Introductory Note.
As previously disclosed, on March 26, 2026, Olaplex Holdings, Inc., a Delaware corporation (the “Company”), entered into an Agreement and Plan of Merger (the “Merger Agreement”), by and among the Company, Henkel US Operations Corporation, a Delaware corporation (“Parent”), and Margot Acquisition Merger Sub, Inc., a Delaware corporation and a wholly owned Subsidiary of Parent (“Merger Sub”). Pursuant to the Merger Agreement, on July 7, 2026, Merger Sub merged with and into the Company, with the Company continuing as the surviving corporation and as a wholly owned Subsidiary of Parent (the “Merger”). Capitalized terms used herein but not otherwise defined have the respective meanings set forth in the Merger Agreement.
Item 1.02 Termination of a Material Definitive Agreement.
In connection with the consummation of the Merger, on July 7, 2026, the Company repaid in full all outstanding indebtedness and terminated all commitments under that certain Credit Agreement, dated as of February 23, 2022, by and among Olaplex, Inc., as the borrower, Penelope Intermediate Corp., as holdings, Goldman Sachs Bank USA, as administrative agent for the lenders, as collateral agent for the secured parties, as an issuing bank and as the swingline lender, and each other lender and issuing bank from time to time party thereto (as amended, the “Credit Agreement”). The Company’s payment to the lenders under the Credit Agreement was approximately $357.6 million, which satisfies all of the Company’s outstanding debt obligations under the Credit Agreement (other than any contingent unasserted obligations which by their terms survive the termination of the Credit Agreement). The Company did not incur any early termination penalties as a result of the repayment of indebtedness or termination of the Credit Agreement. In connection with the repayment of outstanding indebtedness by the Company, the borrower and holdings were automatically released from all security interests, liens, encumbrances and guarantees under the Credit Agreement and the other related collateral documents.
Item 2.01. Completion of Acquisition or Disposition of Assets.

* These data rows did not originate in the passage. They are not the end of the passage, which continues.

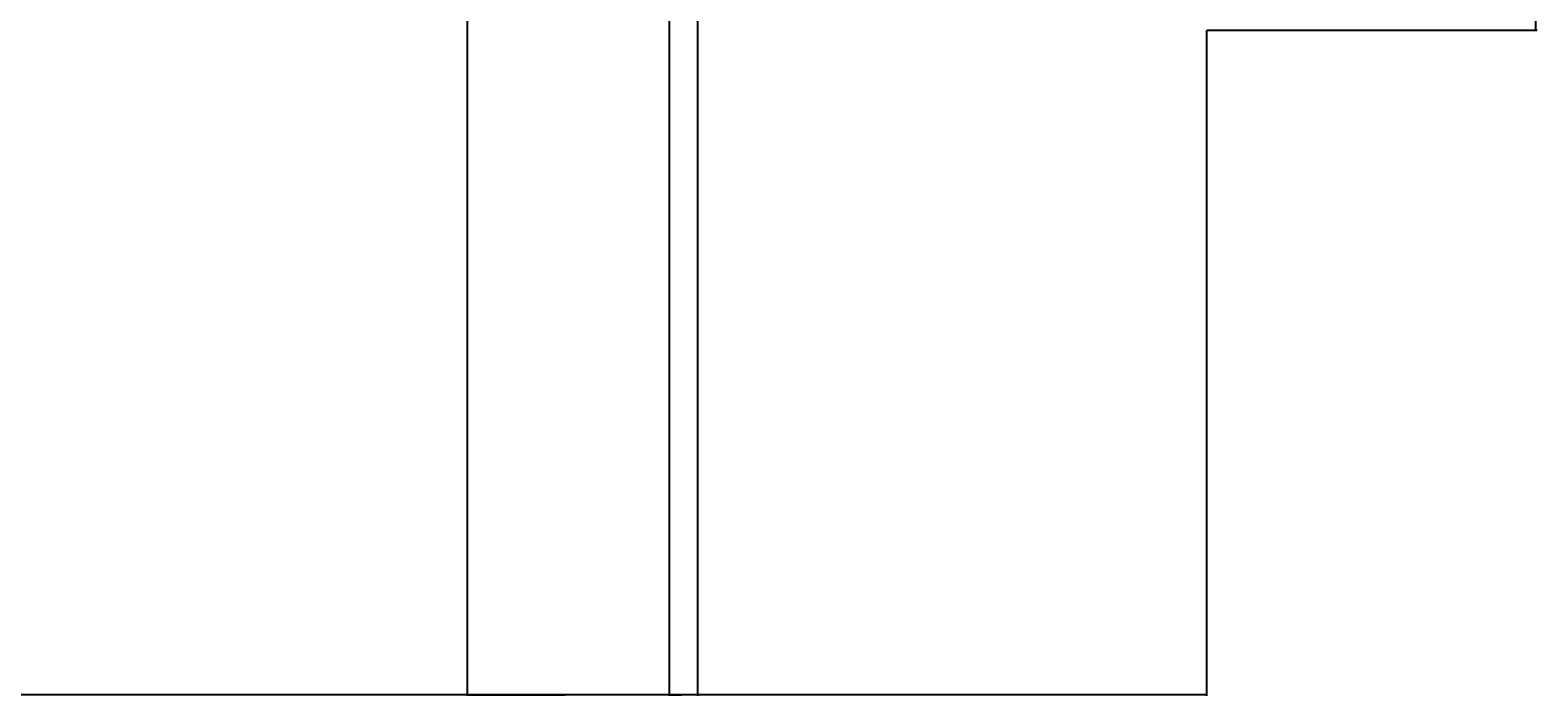
# Model space of a CAD drawing. Units: inches. Extents: x 5375 to 6084, y 16106 to 17259.
# Tile 9 of 32: x 5844 to 6084, y 16106 to 16212. Entities that reach past the tile are written whole.
import ezdxf

# ---------------------------------------------------------------- set-up
doc = ezdxf.new("R2010")
doc.units = ezdxf.units.IN
doc.layers.add('A-ANNO-DIMS', color=2, linetype='Continuous', lineweight=18)
doc.styles.get("Standard").update_dxf_attribs({"font": 'arial.ttf'})
doc.dimstyles.get("Standard").update_dxf_attribs({"dimtxt": 0.18, "dimasz": 0.18, "dimexe": 0.18, "dimexo": 0.0625, "dimgap": 0.09, "dimtad": 0, "dimtih": 1, "dimtoh": 1, "dimdec": 4, "dimzin": 0, "dimdsep": 46, "dimtxsty": 'Standard', "dimcen": 0.09, "dimadec": 0, "dimazin": 0, "dimtfac": 1, "dimtdec": 4, "dimtofl": 0, "dimtmove": 0, "dimatfit": 3, "dimfxl": 1, "dimtolj": 1, "dimtzin": 0, "dimarcsym": 0})

# ---------------------------------------------------------------- blocks, each defined once
blk = doc.blocks.new('*D30')
at = {"layer": 'A-ANNO-DIMS', "color": 0, "lineweight": -2, "transparency": 16777216}
for p, q in [((5470.62, 16212.32), (5470.62, 16106.48)), ((6031.62, 16212.32), (6031.62, 16106.48)), ((5470.8, 16106.66), (5750.85, 16106.66)), ((6031.44, 16106.66), (5751.39, 16106.66))]:
    blk.add_line(p, q, dxfattribs=at)
at = {"layer": 'A-ANNO-DIMS', "color": 0, "transparency": 16777216}
for points in [[(5470.8, 16106.69), (5470.8, 16106.63), (5470.62, 16106.66)], [(6031.44, 16106.69), (6031.44, 16106.63), (6031.62, 16106.66)]]:
    blk.add_solid(points, dxfattribs=at)
at = {"layer": 'Defpoints', "color": 0, "transparency": 16777216}
for p in [(5470.62, 16212.38), (6031.62, 16212.38), (6031.62, 16106.66)]:
    blk.add_point(p, dxfattribs=at)
at = {"layer": 'A-ANNO-DIMS', "color": 0, "transparency": 16777216, "insert": (5751.12, 16106.66), "char_height": 0.18, "attachment_point": 5}
blk.add_mtext('\\A1;561', dxfattribs=at)
blk = doc.blocks.new('*D31')
at = {"layer": 'A-ANNO-DIMS', "color": 0, "lineweight": -2, "transparency": 16777216}
for p, q in [((6031.68, 17206.58), (6084.2, 17206.58)), ((6084.02, 17206.4), (6084.02, 16709.66)), ((6084.02, 16212.56), (6084.02, 16709.3)), ((6031.68, 16212.38), (6084.2, 16212.38))]:
    blk.add_line(p, q, dxfattribs=at)
at = {"layer": 'A-ANNO-DIMS', "color": 0, "transparency": 16777216}
for points in [[(6083.99, 17206.4), (6084.05, 17206.4), (6084.02, 17206.58)], [(6083.99, 16212.56), (6084.05, 16212.56), (6084.02, 16212.38)]]:
    blk.add_solid(points, dxfattribs=at)
at = {"layer": 'Defpoints', "color": 0, "transparency": 16777216}
for p in [(6031.62, 17206.58), (6084.02, 17206.58), (6031.62, 16212.38)]:
    blk.add_point(p, dxfattribs=at)
at = {"layer": 'A-ANNO-DIMS', "color": 0, "transparency": 16777216, "insert": (6084.02, 16709.48), "char_height": 0.18, "attachment_point": 5}
blk.add_mtext('\\A1;994.2', dxfattribs=at)
blk = doc.blocks.new('*D44')
at = {"layer": 'A-ANNO-DIMS', "color": 0, "lineweight": -2, "transparency": 16777216}
for p, q in [((5914, 16886.53), (5914, 16106.48)), ((5946.12, 16886.53), (5946.12, 16106.48)), ((5914.18, 16106.66), (5929.6, 16106.66)), ((5945.94, 16106.66), (5930.53, 16106.66))]:
    blk.add_line(p, q, dxfattribs=at)
at = {"layer": 'A-ANNO-DIMS', "color": 0, "transparency": 16777216}
for points in [[(5914.18, 16106.69), (5914.18, 16106.63), (5914, 16106.66)], [(5945.94, 16106.69), (5945.94, 16106.63), (5946.12, 16106.66)]]:
    blk.add_solid(points, dxfattribs=at)
at = {"layer": 'Defpoints', "color": 0, "transparency": 16777216}
for p in [(5914, 16886.6), (5946.12, 16886.6), (5914, 16106.66)]:
    blk.add_point(p, dxfattribs=at)
at = {"layer": 'A-ANNO-DIMS', "color": 0, "transparency": 16777216, "insert": (5930.06, 16106.66), "char_height": 0.18, "attachment_point": 5}
blk.add_mtext('\\A1;32.117', dxfattribs=at)
blk = doc.blocks.new('*D46')
at = {"layer": 'A-ANNO-DIMS', "color": 0, "lineweight": -2, "transparency": 16777216}
for p, q in [((5946.12, 16771.52), (5946.12, 16106.48)), ((5950.62, 16771.52), (5950.62, 16106.48)), ((5946.3, 16106.66), (5948.11, 16106.66)), ((5950.44, 16106.66), (5948.63, 16106.66))]:
    blk.add_line(p, q, dxfattribs=at)
at = {"layer": 'A-ANNO-DIMS', "color": 0, "transparency": 16777216}
for points in [[(5946.3, 16106.69), (5946.3, 16106.63), (5946.12, 16106.66)], [(5950.44, 16106.69), (5950.44, 16106.63), (5950.62, 16106.66)]]:
    blk.add_solid(points, dxfattribs=at)
at = {"layer": 'Defpoints', "color": 0, "transparency": 16777216}
for p in [(5946.12, 16771.58), (5950.62, 16771.58), (5950.62, 16106.66)]:
    blk.add_point(p, dxfattribs=at)
at = {"layer": 'A-ANNO-DIMS', "color": 0, "transparency": 16777216, "insert": (5948.37, 16106.66), "char_height": 0.18, "attachment_point": 5}
blk.add_mtext('\\A1;4.5', dxfattribs=at)

msp = doc.modelspace()

# ---------------------------------------------------------------- dimensions: what is measured, and where the dimension line sits
at = {"layer": 'A-ANNO-DIMS'}
dim = msp.add_linear_dim(base=(6084.0199, 17206.5793), p1=(6031.6199, 16212.3785), p2=(6031.6199, 17206.5793), angle=90, dimstyle='Standard', override={"dimdec": 1, "dimlfac": 1, "dimrnd": 0, "dimzin": 0, "dimdsep": 46, "dimlunit": 2}, dxfattribs=at)
dim.commit()
dim.dimension.update_dxf_attribs({"geometry": '*D31', "text_midpoint": (6084.0199, 16709.4789)})
for base, p1, p2, override, picture, middle in [((5914.0033, 16106.6631), (5946.1199, 16886.5956), (5914.0033, 16886.5956), {"dimdec": 3, "dimlfac": 1, "dimrnd": 0, "dimzin": 0, "dimdsep": 46, "dimlunit": 2}, '*D44', (5930.0616, 16106.6631)), ((5950.6199, 16106.6631), (5946.1199, 16771.5793), (5950.6199, 16771.5793), {"dimdec": 1, "dimlfac": 1, "dimrnd": 0, "dimzin": 0, "dimdsep": 46, "dimlunit": 2}, '*D46', (5948.3699, 16106.6631)), ((6031.6199, 16106.6631), (5470.6199, 16212.3785), (6031.6199, 16212.3785), {"dimdec": 0, "dimlfac": 1, "dimrnd": 0, "dimzin": 0, "dimdsep": 46, "dimlunit": 2}, '*D30', (5751.1199, 16106.6631))]:
    dim = msp.add_linear_dim(base=base, p1=p1, p2=p2, dimstyle='Standard', override=override, dxfattribs=at)
    dim.commit()
    dim.dimension.update_dxf_attribs({"geometry": picture, "text_midpoint": middle})

doc.saveas('drawing.dxf')
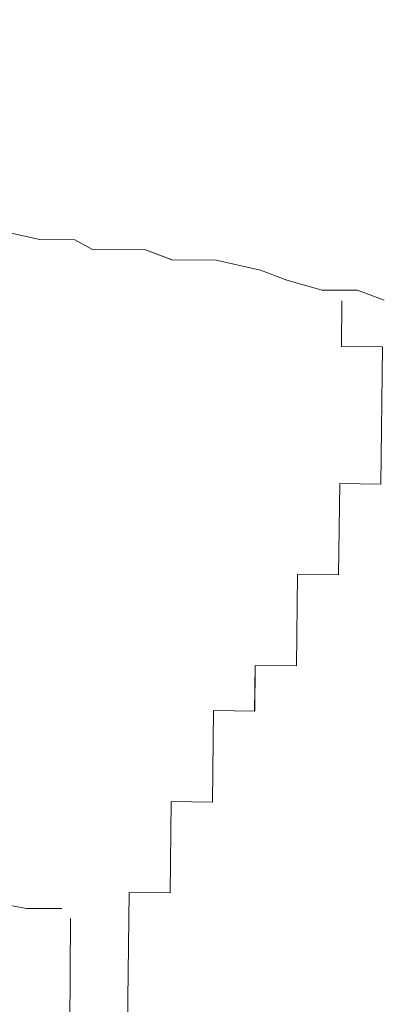
# Model space of a CAD drawing. Units: inches. Extents: x -466983 to 1020, y 324 to 318697.
# Tile 65 of 97: x 642.74 to 643.839, y 945.669 to 948.644. Entities that reach past the tile are written whole.
import ezdxf

# ---------------------------------------------------------------- set-up
doc = ezdxf.new("R2010")
doc.units = ezdxf.units.IN
doc.header["$MEASUREMENT"] = 0
doc.layers.add('A-FLOR-PATT', color=252, linetype='Continuous', lineweight=13)
doc.layers.add('A-FURN', color=8, linetype='Continuous', lineweight=18)

# ---------------------------------------------------------------- blocks, each defined once
blk = doc.blocks.new('L Shaped Sofa')
at = {"ltscale": 2}
for p, q in [((2420.3785, 737.84), (2420.403, 741.852)), ((2420.0564, 737.6965), (2420.0841, 739.9637)), ((2420.4269, 737.7856), (2420.6221, 737.7847)), ((2420.6221, 737.7847), (2420.9145, 737.7291)), ((2419.8234, 737.1954), (2419.8296, 737.6992)), ((2419.8296, 737.6992), (2420.0564, 737.6965)), ((2419.5904, 736.6944), (2419.5966, 737.1982)), ((2419.5966, 737.1982), (2419.8234, 737.1954)), ((2419.3605, 736.4452), (2419.3636, 736.6971)), ((2419.3636, 736.6971), (2419.5904, 736.6944)), ((2419.1275, 735.9442), (2419.1337, 736.448)), ((2419.1337, 736.448), (2419.3605, 736.4452)), ((2418.8945, 735.4431), (2418.9007, 735.9469)), ((2418.9007, 735.9469), (2419.1275, 735.9442)), ((2418.6584, 734.6902), (2418.6677, 735.4459)), ((2418.6677, 735.4459), (2418.8945, 735.4431)), ((2418.8853, 734.6874), (2418.6584, 734.6902)), ((2418.8822, 734.4355), (2418.8853, 734.6874)), ((2418.6497, 734.4324), (2418.7958, 734.3775)), ((2418.7958, 734.3775), (2418.9909, 734.3766)), ((2418.9909, 734.3766), (2419.1858, 734.3215)), ((2419.1858, 734.3215), (2419.3318, 734.2666)), ((2419.3318, 734.2666), (2419.5755, 734.2112)), ((2419.5755, 734.2112), (2419.8195, 734.2101)), ((2419.8195, 734.2101), (2419.9655, 734.1552)), ((2419.9655, 734.1552), (2420.2583, 734.1538)), ((2420.2583, 734.1538), (2420.3555, 734.0991)), ((2420.3555, 734.0991), (2420.5507, 734.0982)), ((2420.5507, 734.0982), (2420.7944, 734.0429))]:
    blk.add_line(p, q, dxfattribs=at)

msp = doc.modelspace()

# ---------------------------------------------------------------- hatches: boundary and pattern name
at = {"layer": 'A-FLOR-PATT', "transparency": 33554572}
h = msp.add_hatch(dxfattribs=at)
h.set_pattern_fill('ANSI37', color=256, scale=30)
h.set_pattern_definition([(45, (-1212.4137, -290.035), (-2.6516504, 2.6516504), []), (135, (-1212.4137, -290.035), (-2.6516504, -2.6516504), [])])
h.paths.add_polyline_path([(901.8057, 1075.9377), (900.6144, 1075.9377), (900.6144, 1065.3856), (899.391, 1065.3856), (898.0911, 1065.3856), (892.8356, 1058.7098, -0.258377), (892.1875, 1058.3509), (879.9848, 1058.3509, -0.20177), (879.4382, 1058.5808), (874.0812, 1065.3856), (872.7813, 1065.3856), (871.5579, 1065.3856), (871.5579, 1075.9377), (813.8057, 1075.9377), (813.8057, 1044.7922), (832.3947, 1044.7922, -0.394795), (848.6602, 1028.5356), (848.6602, 1009.9377), (901.8057, 1009.9377), (901.8057, 1015.9377), (901.3057, 1015.9377), (871.3057, 1015.9377), (871.3057, 1017.2502), (871.3344, 1017.2502, -0.401453), (901.3057, 1045.9377), (901.8057, 1045.9377)])
edge = h.paths.add_edge_path(flags=16)
edge.add_line((847.7731, 1068.9486), (847.7731, 1073.7088))
edge.add_arc((849.2269, 1073.7088), 1.4538, 90, 180, ccw=False)
edge.add_line((849.2269, 1075.1627), (864.4921, 1075.1627))
edge.add_arc((864.4921, 1073.7088), 1.4538, 0, 90, ccw=False)
edge.add_line((865.9459, 1073.7088), (865.9459, 1069.0035))
edge.add_arc((832.6447, 1068.9761), 33.3012, -20.61234, 0.04725, ccw=False)
edge.add_ellipse((856.8595, 1058.48), major_axis=(0, 10.2131), ratio=0.6859192, start_angle=100.00884, end_angle=259.99116, ccw=False)
edge.add_arc((881.0742, 1068.9761), 33.3012, 180.04725, 200.61234, ccw=False)
h.paths.add_polyline_path([(853.1456, 1066.4815), (853.1456, 1066.4534), (853.1463, 1066.4534, 0.433107), (852.9166, 1066.6849), (852.9166, 1066.4534), (853.1456, 1066.4534), (853.1456, 1066.4815), (853.088, 1066.6122, 0.697939), (852.6995, 1066.4534), (852.7003, 1066.4534), (852.7003, 1066.4815), (852.9166, 1067.0012), (852.9166, 1066.6849, -0.396254)], flags=0)
h.paths.add_polyline_path([(861.0187, 1066.4815), (861.0187, 1066.4534), (861.0194, 1066.4534, 0.416404), (860.8024, 1066.6849), (860.8024, 1066.4534), (861.0187, 1066.4534), (861.0187, 1066.4815), (860.9672, 1066.6053, 0.713344), (860.5726, 1066.4534), (860.5734, 1066.4534), (860.5734, 1066.4815), (860.8024, 1067.0012), (860.8024, 1066.6849, -0.379973)], flags=0)
edge = h.paths.add_edge_path(flags=0)
edge.add_spline(control_points=[(861.1298, 1065.7855), (861.4661, 1065.2478), (861.6134, 1065.0161), (861.9833, 1064.3736), (862.1924, 1063.9443), (862.5614, 1063.0391), (862.7212, 1062.5633), (862.9865, 1061.5781), (863.092, 1061.0689), (863.2452, 1060.031), (863.293, 1059.5025), (863.3295, 1058.4409), (863.3181, 1057.9078), (863.2366, 1056.8518), (863.1664, 1056.3289), (862.9695, 1055.308), (862.8427, 1054.8099), (862.5365, 1053.8522), (862.3571, 1053.3927), (861.9514, 1052.5249), (861.7251, 1052.1166), (861.233, 1051.3622), (860.9672, 1051.0162), (860.4048, 1050.3949), (860.1082, 1050.1197), (859.4937, 1049.6461), (859.1758, 1049.4476), (858.5276, 1049.1299), (858.1973, 1049.0107), (857.5315, 1048.8518), (857.1959, 1048.8121), (856.5249, 1048.812), (856.1894, 1048.8515), (855.5236, 1049.0101), (855.1933, 1049.1291), (854.545, 1049.4465), (854.2271, 1049.6449), (853.6124, 1050.1183), (853.3158, 1050.3933), (852.7533, 1051.0143), (852.4874, 1051.3602), (851.9952, 1052.1144), (851.7688, 1052.5225), (851.3629, 1053.3902), (851.1834, 1053.8496), (850.877, 1054.8071), (850.7501, 1055.3051), (850.553, 1056.326), (850.4827, 1056.8488), (850.401, 1057.9048), (850.3895, 1058.4379), (850.4257, 1059.4995), (850.4734, 1060.0281), (850.6265, 1061.066), (850.7318, 1061.5753), (850.9969, 1062.5605), (851.1567, 1063.0365), (851.5254, 1063.9418), (851.7345, 1064.3712), (852.1056, 1065.0164), (852.2544, 1065.2503), (852.6082, 1065.7335)], knot_values=[3.915332, 3.915332, 3.915332, 3.915332, 4.013468, 4.013468, 4.175532, 4.175532, 4.337596, 4.337596, 4.49966, 4.49966, 4.661724, 4.661724, 4.823788, 4.823788, 4.985852, 4.985852, 5.147916, 5.147916, 5.30998, 5.30998, 5.472044, 5.472044, 5.634109, 5.634109, 5.796173, 5.796173, 5.958237, 5.958237, 6.120301, 6.120301, 6.282365, 6.282365, 6.444429, 6.444429, 6.606493, 6.606493, 6.768557, 6.768557, 6.930621, 6.930621, 7.092685, 7.092685, 7.254749, 7.254749, 7.416813, 7.416813, 7.578878, 7.578878, 7.740942, 7.740942, 7.903006, 7.903006, 8.06507, 8.06507, 8.227134, 8.227134, 8.389198, 8.389198, 8.551262, 8.551262, 8.65037, 8.65037, 8.65037, 8.65037], degree=3, periodic=0)
edge.add_line((852.6421, 1065.7855), (861.1298, 1065.7855))
edge = h.paths.add_edge_path(flags=0)
edge.add_ellipse((856.8496, 1057.7432), major_axis=(0, 7.7921), ratio=0.687861, start_angle=0, end_angle=360)
h.paths.add_polyline_path([(848.8634, 1069.3891), (848.8634, 1073.9605, -0.414214), (849.9538, 1075.0508), (863.7652, 1075.0508, -0.414214), (864.8555, 1073.9605), (864.8555, 1069.3891, -0.388936), (864.5237, 1069.027, -0.043561), (849.1953, 1069.027, -0.388936)], flags=0)
h.paths.add_polyline_path([(853.1006, 1068.1122, -1), (852.6775, 1068.1122, -1)], flags=0)
edge = h.paths.add_edge_path(flags=0)
edge.add_ellipse((856.8595, 1057.3378), major_axis=(0, 2.207), ratio=0.657164, start_angle=0, end_angle=360)
h.paths.add_polyline_path([(861.0415, 1068.1122, -1), (860.6184, 1068.1122, -1)], flags=0)
edge = h.paths.add_edge_path()
edge.add_line((573.9537, 1057.3412), (573.9537, 1075.9377))
edge.add_line((573.9537, 1075.9377), (558.7308, 1075.9377))
edge.add_line((558.7308, 1075.9377), (558.7308, 1065.3856))
edge.add_line((558.7308, 1065.3856), (557.5074, 1065.3856))
edge.add_line((557.5074, 1065.3856), (556.2075, 1065.3856))
edge.add_line((556.2075, 1065.3856), (550.952, 1058.7098))
edge.add_arc((550.3039, 1059.1155), 0.7646, 270, 327.9483, ccw=False)
edge.add_line((550.3039, 1058.3509), (538.1012, 1058.3509))
edge.add_arc((538.1012, 1059.1155), 0.7646, 224.3704, 270, ccw=False)
edge.add_line((537.5546, 1058.5808), (532.1976, 1065.3856))
edge.add_line((532.1976, 1065.3856), (530.8977, 1065.3856))
edge.add_line((530.8977, 1065.3856), (529.6743, 1065.3856))
edge.add_line((529.6743, 1065.3856), (529.6743, 1075.9377))
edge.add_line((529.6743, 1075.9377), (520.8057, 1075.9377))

Pursuant to the Merger Agreement, at the effective time of the Merger (the “Effective Time”), each share (a “Share” and collectively, the “Shares”) of common stock, par value $0.001 per share, of the Company (the “Common Stock”), issued and outstanding immediately prior to the Effective Time (other than Shares held by the Company as treasury stock or held directly by Parent or Merger Sub, or any direct or indirect wholly owned Subsidiaries of the Company, Parent or Merger Sub immediately prior to the Effective Time that are canceled or converted and other than Dissenting Shares), was converted automatically into the right to receive $2.06 per Share (the “Merger Consideration”), payable net to the holder in cash, without interest, subject to any withholding of taxes required by applicable law as provided in the Merger Agreement, and all such Shares were automatically canceled and ceased to exist.
Pursuant to the Merger Agreement, at the Effective Time, each option to purchase Shares granted under the Company’s 2021 Equity Incentive Plan, the Company’s Amended & Restated 2020 Omnibus Equity Incentive Plan and any other effective equity or equity-based incentive plan sponsored by the Company or its affiliates (each such option a “Company Option”, and such equity or equity-based incentive plans, collectively, the “Company Equity Plans”) that was outstanding and unexercised immediately prior to the Effective Time (whether vested or unvested) was automatically canceled and converted into the right to receive (without interest) an amount in cash equal to the product of (x) the aggregate number of Shares underlying such Company Option multiplied by (y) the excess, if any, of the Merger Consideration over the per Share exercise price of such Company Option; provided, however, that any Company Option that had a per Share exercise price that was equal to or greater than the Merger Consideration was canceled for no consideration.
Pursuant to the Merger Agreement, at the Effective Time, each award of restricted stock units covering Shares granted under the Company Equity Plans (each, a “Company RSU Award”) that was outstanding immediately prior to the Effective Time (whether vested or unvested) was automatically canceled and converted into the right to receive (without interest) an amount in cash equal to the product of (x) the aggregate number of Shares underlying such Company RSU Award multiplied by (y) the Merger Consideration.
The information set forth in the Introductory Note and Items 3.03, 5.01, 5.02 and 5.03 of this Current Report on Form 8-K is incorporated herein by reference. The description of the Merger and the Merger Agreement contained in this Item 2.01 does not purport to be complete and is subject to and qualified in its entirety by reference to the full text of the Merger Agreement, which was included as Exhibit 2.1 to the Current Report on Form 8-K filed with the U.S. Securities and Exchange Commission (the “SEC”) by the Company on March 26, 2026 and is incorporated herein by reference.